Monday, November 26, 2012

The Lack of Empathy of Cats

On some other occasion, a child cruelly labelled my cat and we cruelly took photographs.


My cat is back. He was gone these last three days. No one knew where he was. Camping, perhaps. A week before, he'd done the same thing—gone feral for a few days, a plump kernel of corn returning to native maize. Then, at 5 AM, there he was, at my back door, making his patented screech owl-choking-cry. I opened the door.
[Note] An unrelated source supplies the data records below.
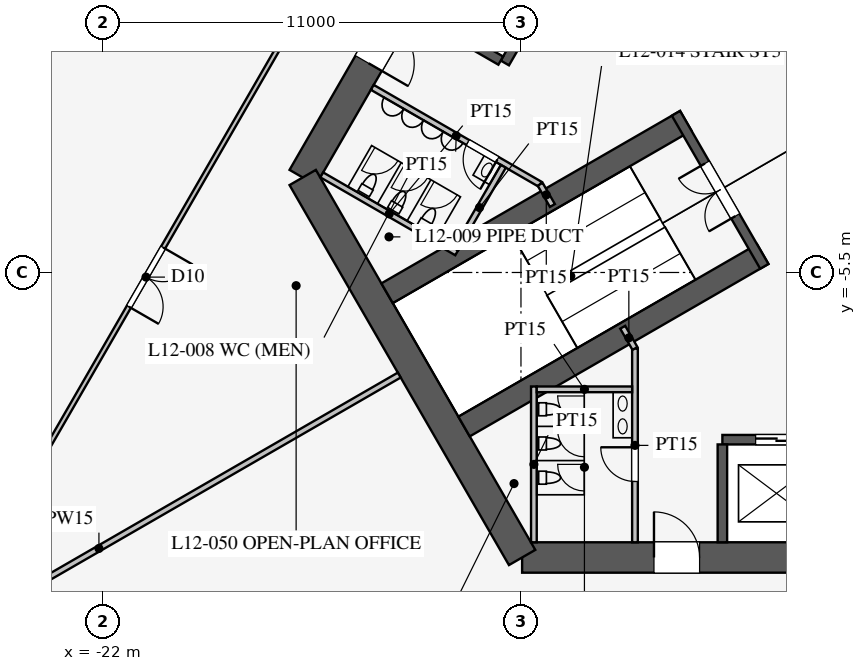
"""IFC4 building model, lengths in metres.
Left out: names, types, materials, properties, quantities, classifications, styles, units other than length and angle.
Written with IfcOpenShell. Run it as: python <this file> out.ifc"""

import sys

from ifc_helpers import new_model, si_unit, direction, frame, frame_2d, origin, place, context, subcontext, project, spatial, rectangle, extrude, element, fill, save


model = new_model("IFC4")
c1 = context("Model", 3, precision=1e-05, world=origin(), true_north=direction((0.0, 1.0)))
c2 = subcontext(c1, "Body", "Model", "MODEL_VIEW")
j1 = project(units=[si_unit("LENGTHUNIT", "METRE"), si_unit("PLANEANGLEUNIT", "RADIAN")], contexts=[c1])
p1 = place(None, origin())
s1 = spatial("IfcSite", under=j1, at=p1, CompositionType="ELEMENT")
p2 = place(p1, origin())
s2 = spatial("IfcBuilding", under=s1, at=p2, CompositionType="ELEMENT")
p3 = place(p2, frame((0.0, 0.0, 54.3)))
s3 = spatial("IfcBuildingStorey", under=s2, at=p3, CompositionType="ELEMENT", Elevation=54.3)
p4 = place(p3, frame((-10.97, -13.0, 0.0), z_axis=(0.0, 0.0, 1.0), x_axis=(1.0, 0.0, 0.0)))
e1 = element("IfcWall", 1, at=p4, inside=s3, PredefinedType="SHEAR", context=c2, shape_type="SweptSolid", body=[
    extrude(rectangle(XDim=21.939, YDim=0.8, at=frame_2d((10.97, 0.0))), origin(), (0.0, 0.0, 1.0), 4.2),
])
p5 = place(p4, frame((17.27, 0.0, 0.0)))
e2 = element("IfcOpeningElement", 2, at=p5, cuts=e1, PredefinedType="OPENING", context=c2, shape_type="SweptSolid", body=[
    extrude(rectangle(XDim=1.2, YDim=2.1, at=frame_2d((0.6, 1.05))), frame((0.0, 0.41, 0.0), z_axis=(0.0, -1.0, 0.0), x_axis=(1.0, 0.0, 0.0)), (0.0, 0.0, 1.0), 0.82),
])
p6 = place(p4, frame((3.47, 0.0, 0.0)))
e3 = element("IfcOpeningElement", 3, at=p6, cuts=e1, PredefinedType="OPENING", context=c2, shape_type="SweptSolid", body=[
    extrude(rectangle(XDim=1.2, YDim=2.1, at=frame_2d((0.6, 1.05))), frame((0.0, 0.41, 0.0), z_axis=(0.0, -1.0, 0.0), x_axis=(1.0, 0.0, 0.0)), (0.0, 0.0, 1.0), 0.82),
])
p7 = place(p3, frame((-5.773, 16.0, 0.0), z_axis=(0.0, 0.0, 1.0), x_axis=(-0.500002442456, -0.866023993627, 0.0)))
e4 = element("IfcWall", 4, at=p7, inside=s3, PredefinedType="SHEAR", context=c2, shape_type="SweptSolid", body=[
    extrude(rectangle(XDim=21.939, YDim=0.8, at=frame_2d((10.97, 0.0))), origin(), (0.0, 0.0, 1.0), 4.2),
])
p8 = place(p7, frame((17.27, 0.0, 0.0)))
e5 = element("IfcOpeningElement", 5, at=p8, cuts=e4, PredefinedType="OPENING", context=c2, shape_type="SweptSolid", body=[
    extrude(rectangle(XDim=1.2, YDim=2.1, at=frame_2d((0.6, 1.05))), frame((0.0, 0.41, 0.0), z_axis=(0.0, -1.0, 0.0), x_axis=(1.0, 0.0, 0.0)), (0.0, 0.0, 1.0), 0.82),
])
p9 = place(p7, frame((3.47, 0.0, 0.0)))
e6 = element("IfcOpeningElement", 6, at=p9, cuts=e4, PredefinedType="OPENING", context=c2, shape_type="SweptSolid", body=[
    extrude(rectangle(XDim=1.2, YDim=2.1, at=frame_2d((0.6, 1.05))), frame((0.0, 0.41, 0.0), z_axis=(0.0, -1.0, 0.0), x_axis=(1.0, 0.0, 0.0)), (0.0, 0.0, 1.0), 0.82),
])
p10 = place(p3, frame((-16.743, -3.0, 0.0), z_axis=(0.0, 0.0, 1.0), x_axis=(0.499995765644, -0.866027848477, 0.0)))
e7 = element("IfcWall", 7, at=p10, inside=s3, PredefinedType="SHEAR", context=c2, shape_type="SweptSolid", body=[
    extrude(rectangle(XDim=11.547, YDim=0.8, at=frame_2d((5.773, 0.0))), origin(), (0.0, 0.0, 1.0), 4.2),
])
p11 = place(p3, frame((-5.7, -9.9, 0.0), z_axis=(0.0, 0.0, 1.0), x_axis=(1.0, 0.0, 0.0)))
e8 = element("IfcWall", 8, at=p11, inside=s3, PredefinedType="SHEAR", context=c2, shape_type="SweptSolid", body=[
    extrude(rectangle(XDim=11.4, YDim=0.25, at=frame_2d((5.7, 0.0))), origin(), (0.0, 0.0, 1.0), 4.2),
])
p12 = place(p11, frame((0.875, 0.0, 0.0)))
e9 = element("IfcOpeningElement", 9, at=p12, cuts=e8, PredefinedType="OPENING", context=c2, shape_type="SweptSolid", body=[
    extrude(rectangle(XDim=1.1, YDim=2.2, at=frame_2d((0.55, 1.1))), frame((0.0, 0.135, 0.0), z_axis=(0.0, -1.0, 0.0), x_axis=(1.0, 0.0, 0.0)), (0.0, 0.0, 1.0), 0.27),
])
p13 = place(p11, frame((3.725, 0.0, 0.0)))
e10 = element("IfcOpeningElement", 10, at=p13, cuts=e8, PredefinedType="OPENING", context=c2, shape_type="SweptSolid", body=[
    extrude(rectangle(XDim=1.1, YDim=2.2, at=frame_2d((0.55, 1.1))), frame((0.0, 0.135, 0.0), z_axis=(0.0, -1.0, 0.0), x_axis=(1.0, 0.0, 0.0)), (0.0, 0.0, 1.0), 0.27),
])
p14 = place(p11, frame((6.575, 0.0, 0.0)))
e11 = element("IfcOpeningElement", 11, at=p14, cuts=e8, PredefinedType="OPENING", context=c2, shape_type="SweptSolid", body=[
    extrude(rectangle(XDim=1.1, YDim=2.2, at=frame_2d((0.55, 1.1))), frame((0.0, 0.135, 0.0), z_axis=(0.0, -1.0, 0.0), x_axis=(1.0, 0.0, 0.0)), (0.0, 0.0, 1.0), 0.27),
])
p15 = place(p11, frame((9.425, 0.0, 0.0)))
e12 = element("IfcOpeningElement", 12, at=p15, cuts=e8, PredefinedType="OPENING", context=c2, shape_type="SweptSolid", body=[
    extrude(rectangle(XDim=1.1, YDim=2.2, at=frame_2d((0.55, 1.1))), frame((0.0, 0.135, 0.0), z_axis=(0.0, -1.0, 0.0), x_axis=(1.0, 0.0, 0.0)), (0.0, 0.0, 1.0), 0.27),
])
p16 = place(p3, frame((-5.7, -10.025, 0.0), z_axis=(0.0, 0.0, 1.0), x_axis=(0.0, -1.0, 0.0)))
e13 = element("IfcWall", 13, at=p16, inside=s3, PredefinedType="SHEAR", context=c2, shape_type="SweptSolid", body=[
    extrude(rectangle(XDim=2.575, YDim=0.25, at=frame_2d((1.288, 0.0))), origin(), (0.0, 0.0, 1.0), 4.2),
])
p17 = place(p3, frame((-5.724, 9.886, 0.0), z_axis=(0.0, 0.0, 1.0), x_axis=(-0.500001763848, -0.866024385424, 0.0)))
e14 = element("IfcWall", 14, at=p17, inside=s3, PredefinedType="SHEAR", context=c2, shape_type="SweptSolid", body=[
    extrude(rectangle(XDim=11.4, YDim=0.25, at=frame_2d((5.7, 0.0))), origin(), (0.0, 0.0, 1.0), 4.2),
])
p18 = place(p17, frame((6.525, 0.0, 0.0)))
e15 = element("IfcOpeningElement", 15, at=p18, cuts=e14, PredefinedType="OPENING", context=c2, shape_type="SweptSolid", body=[
    extrude(rectangle(XDim=1.2, YDim=2.2, at=frame_2d((0.6, 1.1))), frame((0.0, 0.135, 0.0), z_axis=(0.0, -1.0, 0.0), x_axis=(1.0, 0.0, 0.0)), (0.0, 0.0, 1.0), 0.27),
])
p19 = place(p17, frame((9.375, 0.0, 0.0)))
e16 = element("IfcOpeningElement", 16, at=p19, cuts=e14, PredefinedType="OPENING", context=c2, shape_type="SweptSolid", body=[
    extrude(rectangle(XDim=1.2, YDim=2.2, at=frame_2d((0.6, 1.1))), frame((0.0, 0.135, 0.0), z_axis=(0.0, -1.0, 0.0), x_axis=(1.0, 0.0, 0.0)), (0.0, 0.0, 1.0), 0.27),
])
p20 = place(p3, frame((-11.532, 0.076, 0.0), z_axis=(0.0, 0.0, 1.0), x_axis=(-0.866005588531, 0.500034319456, 0.0)))
e17 = element("IfcWall", 17, at=p20, inside=s3, PredefinedType="SHEAR", context=c2, shape_type="SweptSolid", body=[
    extrude(rectangle(XDim=2.575, YDim=0.25, at=frame_2d((1.288, 0.0))), origin(), (0.0, 0.0, 1.0), 4.2),
])
for number, where, z_axis, x_axis in (
    (18, (-6.663, -1.509, 0.0), (0.0, 0.0, 1.0), (-0.866, -0.5, 0.0)),
    (19, (-4.638, -5.016, 0.0), (0.0, 0.0, 1.0), (-0.866, -0.5, 0.0)),
):
    element("IfcWall", number, at=place(p3, frame(where, z_axis=z_axis, x_axis=x_axis)), inside=s3, PredefinedType="SHEAR", context=c2, shape_type="SweptSolid", body=[
        extrude(rectangle(XDim=9.075, YDim=0.6, at=frame_2d((4.538, 0.0))), origin(), (0.0, 0.0, 1.0), 4.2),
    ])
p21 = place(p3, frame((-6.922, -1.312, 0.0), z_axis=(0.0, 0.0, 1.0), x_axis=(0.499984536904, -0.866034331223, 0.0)))
e20 = element("IfcWall", 20, at=p21, inside=s3, PredefinedType="SHEAR", context=c2, shape_type="SweptSolid", body=[
    extrude(rectangle(XDim=4.65, YDim=0.25, at=frame_2d((2.325, 0.0))), origin(), (0.0, 0.0, 1.0), 4.2),
])
p22 = place(p21, frame((1.525, 0.0, 0.0)))
e21 = element("IfcOpeningElement", 21, at=p22, cuts=e20, PredefinedType="OPENING", context=c2, shape_type="SweptSolid", body=[
    extrude(rectangle(XDim=1.6, YDim=2.1, at=frame_2d((0.8, 1.05))), frame((0.0, 0.135, 0.0), z_axis=(0.0, -1.0, 0.0), x_axis=(1.0, 0.0, 0.0)), (0.0, 0.0, 1.0), 0.27),
])
p23 = place(p3, frame((-8.0, -7.5, 0.0), z_axis=(0.0, 0.0, 1.0), x_axis=(0.0, -1.0, 0.0)))
e22 = element("IfcWall", 22, at=p23, inside=s3, PredefinedType="PARTITIONING", context=c2, shape_type="SweptSolid", body=[
    extrude(rectangle(XDim=5.1, YDim=0.15, at=frame_2d((2.55, 0.0))), origin(), (0.0, 0.0, 1.0), 4.0),
])
p24 = place(p23, frame((2.6, 0.0, 0.0)))
e23 = element("IfcOpeningElement", 23, at=p24, cuts=e22, PredefinedType="OPENING", context=c2, shape_type="SweptSolid", body=[
    extrude(rectangle(XDim=0.9, YDim=2.1, at=frame_2d((0.45, 1.05))), frame((0.0, 0.085, 0.0), z_axis=(0.0, -1.0, 0.0), x_axis=(1.0, 0.0, 0.0)), (0.0, 0.0, 1.0), 0.17),
])
p25 = place(p3, frame((-10.495, -3.178, 0.0), z_axis=(0.0, 0.0, 1.0), x_axis=(-0.86602216432, 0.500005610874, 0.0)))
e24 = element("IfcWall", 24, at=p25, inside=s3, PredefinedType="PARTITIONING", context=c2, shape_type="SweptSolid", body=[
    extrude(rectangle(XDim=5.1, YDim=0.15, at=frame_2d((2.55, 0.0))), origin(), (0.0, 0.0, 1.0), 4.0),
])
p26 = place(p25, frame((1.3, 0.0, 0.0)))
e25 = element("IfcOpeningElement", 25, at=p26, cuts=e24, PredefinedType="OPENING", context=c2, shape_type="SweptSolid", body=[
    extrude(rectangle(XDim=0.9, YDim=2.1, at=frame_2d((0.45, 1.05))), frame((0.0, 0.085, 0.0), z_axis=(0.0, -1.0, 0.0), x_axis=(1.0, 0.0, 0.0)), (0.0, 0.0, 1.0), 0.17),
])
for number, where, z_axis, x_axis in (
    (26, (-10.495, -3.178, 0.0), (0.0, 0.0, 1.0), (0.5, -0.866, 0.0)),
    (27, (-8.0, -7.5, 0.0), (0.0, 0.0, 1.0), (-0.5, 0.866, 0.0)),
):
    element("IfcWall", number, at=place(p3, frame(where, z_axis=z_axis, x_axis=x_axis)), inside=s3, PredefinedType="PARTITIONING", context=c2, shape_type="SweptSolid", body=[
        extrude(rectangle(XDim=0.645, YDim=0.15, at=frame_2d((0.323, 0.0))), origin(), (0.0, 0.0, 1.0), 4.0),
    ])
p27 = place(p3, frame((-12.691, -4.982, 0.0), z_axis=(0.0, 0.0, 1.0), x_axis=(-0.8660249478, 0.500000789788, 0.0)))
e28 = element("IfcWall", 28, at=p27, inside=s3, PredefinedType="PARTITIONING", context=c2, shape_type="SweptSolid", body=[
    extrude(rectangle(XDim=4.1, YDim=0.15, at=frame_2d((2.05, 0.0))), origin(), (0.0, 0.0, 1.0), 4.0),
])
p28 = place(p3, frame((-11.464, -2.706, 0.0), z_axis=(0.0, 0.0, 1.0), x_axis=(-0.50001992892, -0.866013897511, 0.0)))
e29 = element("IfcWall", 29, at=p28, inside=s3, PredefinedType="PARTITIONING", context=c2, shape_type="SweptSolid", body=[
    extrude(rectangle(XDim=2.51, YDim=0.15, at=frame_2d((1.255, 0.0))), origin(), (0.0, 0.0, 1.0), 4.0),
])
p29 = place(p3, frame((-10.66, -8.5, 0.0), z_axis=(0.0, 0.0, 1.0), x_axis=(0.0, -1.0, 0.0)))
e30 = element("IfcWall", 30, at=p29, inside=s3, PredefinedType="PARTITIONING", context=c2, shape_type="SweptSolid", body=[
    extrude(rectangle(XDim=4.1, YDim=0.15, at=frame_2d((2.05, 0.0))), origin(), (0.0, 0.0, 1.0), 4.0),
])
p30 = place(p3, frame((-8.075, -8.575, 0.0), z_axis=(0.0, 0.0, 1.0), x_axis=(-1.0, 0.0, 0.0)))
e31 = element("IfcWall", 31, at=p30, inside=s3, PredefinedType="PARTITIONING", context=c2, shape_type="SweptSolid", body=[
    extrude(rectangle(XDim=2.51, YDim=0.15, at=frame_2d((1.255, 0.0))), origin(), (0.0, 0.0, 1.0), 4.0),
])
p31 = place(p3, frame((-14.203, -8.2, 0.0), z_axis=(0.0, 0.0, 1.0), x_axis=(-0.866024965723, -0.500000758745, 0.0)))
e32 = element("IfcWall", 32, at=p31, inside=s3, PredefinedType="PARTITIONING", context=c2, shape_type="SweptSolid", body=[
    extrude(rectangle(XDim=18.25, YDim=0.15, at=frame_2d((9.125, 0.0))), origin(), (0.0, 0.0, 1.0), 2.3),
])
p32 = place(p3, frame((-0.016, 30.491, 0.0), z_axis=(0.0, 0.0, 1.0), x_axis=(-0.50000091641, -0.866024874695, 0.0)))
e33 = element("IfcWall", 33, at=p32, inside=s3, PredefinedType="PARTITIONING", context=c2, shape_type="SweptSolid", body=[
    extrude(rectangle(XDim=52.796, YDim=0.12, at=frame_2d((26.398, 0.0))), origin(), (0.0, 0.0, 1.0), 2.9),
])
p33 = place(p32, frame((10.2, 0.0, 0.15)))
e34 = element("IfcOpeningElement", 34, at=p33, cuts=e33, PredefinedType="OPENING", context=c2, shape_type="SweptSolid", body=[
    extrude(rectangle(XDim=1.8, YDim=2.1, at=frame_2d((0.9, 1.05))), frame((0.0, 0.07, 0.0), z_axis=(0.0, -1.0, 0.0), x_axis=(1.0, 0.0, 0.0)), (0.0, 0.0, 1.0), 0.14),
])
p34 = place(p32, frame((40.8, 0.0, 0.15)))
e35 = element("IfcOpeningElement", 35, at=p34, cuts=e33, PredefinedType="OPENING", context=c2, shape_type="SweptSolid", body=[
    extrude(rectangle(XDim=1.8, YDim=2.1, at=frame_2d((0.9, 1.05))), frame((0.0, 0.07, 0.0), z_axis=(0.0, -1.0, 0.0), x_axis=(1.0, 0.0, 0.0)), (0.0, 0.0, 1.0), 0.14),
])
p35 = place(p24, frame((0.9, 0.0, 0.0), z_axis=(0.0, 0.0, 1.0), x_axis=(-1.0, 0.0, 0.0)))
e36 = element("IfcDoor", 36, at=p35, inside=s3, OperationType="SINGLE_SWING_RIGHT", PredefinedType="DOOR", context=c2, shape_type="SweptSolid", body=[
    extrude(rectangle(XDim=0.9, YDim=2.1, at=frame_2d((0.45, 1.05))), frame((0.0, 0.025, 0.0), z_axis=(0.0, -1.0, 0.0), x_axis=(1.0, 0.0, 0.0)), (0.0, 0.0, 1.0), 0.05),
])
fill(e23, e36)
p36 = place(p26, origin())
e37 = element("IfcDoor", 37, at=p36, inside=s3, OperationType="SINGLE_SWING_LEFT", PredefinedType="DOOR", context=c2, shape_type="SweptSolid", body=[
    extrude(rectangle(XDim=0.9, YDim=2.1, at=frame_2d((0.45, 1.05))), frame((0.0, 0.025, 0.0), z_axis=(0.0, -1.0, 0.0), x_axis=(1.0, 0.0, 0.0)), (0.0, 0.0, 1.0), 0.05),
])
fill(e25, e37)
p37 = place(p22, frame((1.6, 0.0, 0.0), z_axis=(0.0, 0.0, 1.0), x_axis=(-1.0, 0.0, 0.0)))
e38 = element("IfcDoor", 38, at=p37, inside=s3, OperationType="DOUBLE_DOOR_SINGLE_SWING", PredefinedType="DOOR", context=c2, shape_type="SweptSolid", body=[
    extrude(rectangle(XDim=1.6, YDim=2.1, at=frame_2d((0.8, 1.05))), frame((0.0, 0.025, 0.0), z_axis=(0.0, -1.0, 0.0), x_axis=(1.0, 0.0, 0.0)), (0.0, 0.0, 1.0), 0.05),
])
fill(e21, e38)
p38 = place(p6, origin())
e39 = element("IfcDoor", 39, at=p38, inside=s3, OperationType="SINGLE_SWING_LEFT", PredefinedType="DOOR", context=c2, shape_type="SweptSolid", body=[
    extrude(rectangle(XDim=1.2, YDim=2.1, at=frame_2d((0.6, 1.05))), frame((0.0, 0.025, 0.0), z_axis=(0.0, -1.0, 0.0), x_axis=(1.0, 0.0, 0.0)), (0.0, 0.0, 1.0), 0.05),
])
fill(e3, e39)
p39 = place(p8, origin())
e40 = element("IfcDoor", 40, at=p39, inside=s3, OperationType="SINGLE_SWING_RIGHT", PredefinedType="DOOR", context=c2, shape_type="SweptSolid", body=[
    extrude(rectangle(XDim=1.2, YDim=2.1, at=frame_2d((0.6, 1.05))), frame((0.0, 0.025, 0.0), z_axis=(0.0, -1.0, 0.0), x_axis=(1.0, 0.0, 0.0)), (0.0, 0.0, 1.0), 0.05),
])
fill(e5, e40)
p40 = place(p34, origin())
e41 = element("IfcDoor", 41, at=p40, inside=s3, OperationType="DOUBLE_DOOR_SINGLE_SWING", PredefinedType="DOOR", context=c2, shape_type="SweptSolid", body=[
    extrude(rectangle(XDim=1.8, YDim=2.1, at=frame_2d((0.9, 1.05))), frame((0.0, 0.025, 0.0), z_axis=(0.0, -1.0, 0.0), x_axis=(1.0, 0.0, 0.0)), (0.0, 0.0, 1.0), 0.05),
])
fill(e35, e41)
p41 = place(p12, origin())
e42 = element("IfcDoor", 42, at=p41, inside=s3, OperationType="DOUBLE_DOOR_SLIDING", PredefinedType="DOOR", context=c2, shape_type="SweptSolid", body=[
    extrude(rectangle(XDim=1.1, YDim=2.2, at=frame_2d((0.55, 1.1))), frame((0.0, 0.025, 0.0), z_axis=(0.0, -1.0, 0.0), x_axis=(1.0, 0.0, 0.0)), (0.0, 0.0, 1.0), 0.05),
])
fill(e9, e42)
save(model, sys.argv[1])

I want food, he explained. And I was so glad to see him, this cat-for-hire in search of cans of special urinary tract management food. He's back, I thought, truly as if my life were to be greatly enhanced by the continued presence of an enormous, long-haired cat who expresses his love through open-clawed massage.

And then he left again. Disappeared. I should have taken him to the vet. He's hiding because he's ill. Perhaps, now, he's already dead. Clearly, we needed to run hundreds of dollars worth of tests. Ma'am, your cat is just an asshole. There's nothing else wrong with him. Please pay at the front desk. I should have taken out pet insurance. Let us cover the mirrors and dress in black. Let us think of ten good things about Marmalade. Are there ten good things?

Mikalh made this:



This morning again: Mrrrrrrraaaaaaaaaoooooooooowwwwwwwwwwwwwwww!!!!!!!!!!!!!!!

He's back! This is starting to be fun, to have a ritual quality. Or to be dysfunctional, like a marriage that needs to end. I am going to insist that my cat get some counseling or I am leaving him. He acts exactly as if nothing has occurred, but wants two cans of the expensive food.

"Do you realize," I ask him, "the impact this has on me?"

He doesn't. Wherever he has been, nursing wounds or traveling the block, my feelings clearly did not enter into it. One can always count on the lack of empathy of cats. But, since he is here, he will not forget me. He has eaten, bathed, and done his yoga. It is important, he reminds me, to take care of oneself first. Now we can think of others. It is the time to sit in my lap while I am trying to type. He purrs like a muffled shekere, digs his knife-sharp claws into my thighs. Don't you like it? He bites if I interfere and raises his rear into my face. The tail goes under my nose.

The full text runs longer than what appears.